With WinXP has a program in Accessories called Address Book.
If you open this then you can drag and drop a multiple entry vcard file, or multiple vcard files from explorer into it.
Then you can export to another format. To get the address book into Outlook 2003 contacts, I ended up export to a Comma Seperated Text file (.csv) and then importing this into Outlook.


----------



## Rollin_Again

This can also be done using a VBA macro. First create a folder on the root of the *C:* drive and name it VCARDS. Next copy all your individual vCard files (.vcf) to this newly created folder. Next open Outlook and click *ALT + F11* to open the VBA editor.

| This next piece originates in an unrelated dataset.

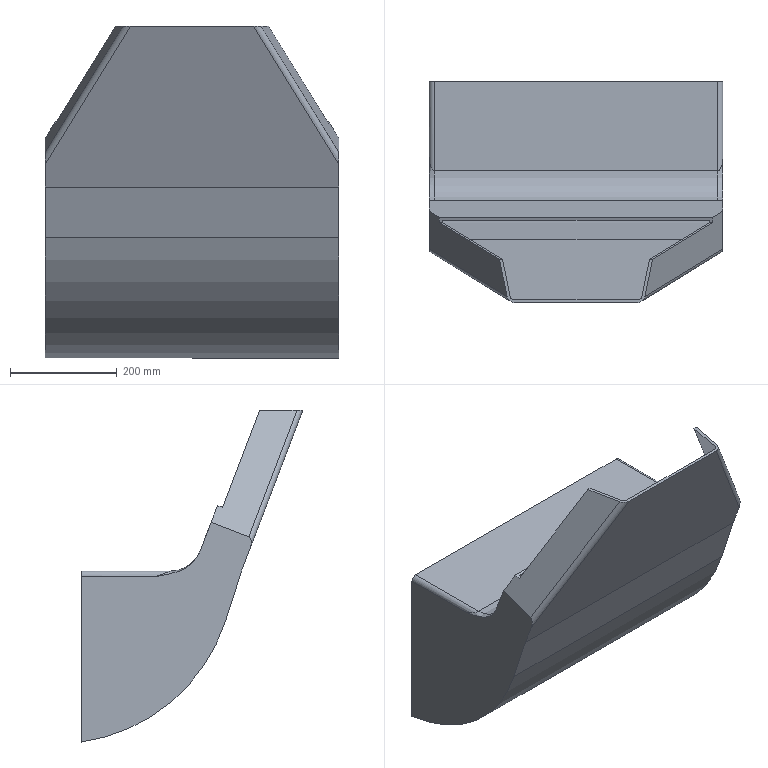Component | SolidWorks | LowerHousing-1 | 1 solid | 37 faces | volume 3791054 mm3 | plane 21 | cylinder 12 | spline 4 | commonest cylinder face diameters 20 x4 10 x4 661.087 x1 651.087 x1 120 x1 130 x1

Click *TOOLS --> REFERENCES* and then select *Microsoft Scripting Runtime* and *Windows Script Host Object Model * from the list and place checks in the box next to each and click OK.

Next click *INSERT --> MODULE* and copy and paste the code below into the blank module. Save and run the macro to automatically import and save all the individual files into Outlook.



Code:


Sub OpenSaveVCard()
    
Dim objWSHShell As IWshRuntimeLibrary.IWshShell
Dim objOL As Outlook.Application
Dim colInsp As Outlook.Inspectors
Dim strVCName As String
Dim fso As Scripting.FileSystemObject
Dim fsDir As Scripting.Folder
Dim fsFile As Scripting.File
Dim vCounter As Integer
    
    
Set fso = New Scripting.FileSystemObject
Set fsDir = fso.GetFolder("C:\VCARDS")

For Each fsFile In fsDir.Files

    strVCName = "C:\VCARDS\" & fsFile.Name
    Set objOL = CreateObject("Outlook.Application")
    Set colInsp = objOL.Inspectors
        If colInsp.Count = 0 Then
        Set objWSHShell = CreateObject("WScript.Shell")
        objWSHShell.Run strVCName
        Set colInsp = objOL.Inspectors
    If Err = 0 Then
            Do Until colInsp.Count = 1
                DoEvents
            Loop
            colInsp.Item(1).CurrentItem.Save
            colInsp.Item(1).Close olDiscard
            Set colInsp = Nothing
            Set objOL = Nothing
            Set objWSHShell = Nothing
        End If
    End If

Next

End Sub

Regards,
Rollin


----------



## tarts

Rollin_Again said:


> This can also be done using a VBA macro ...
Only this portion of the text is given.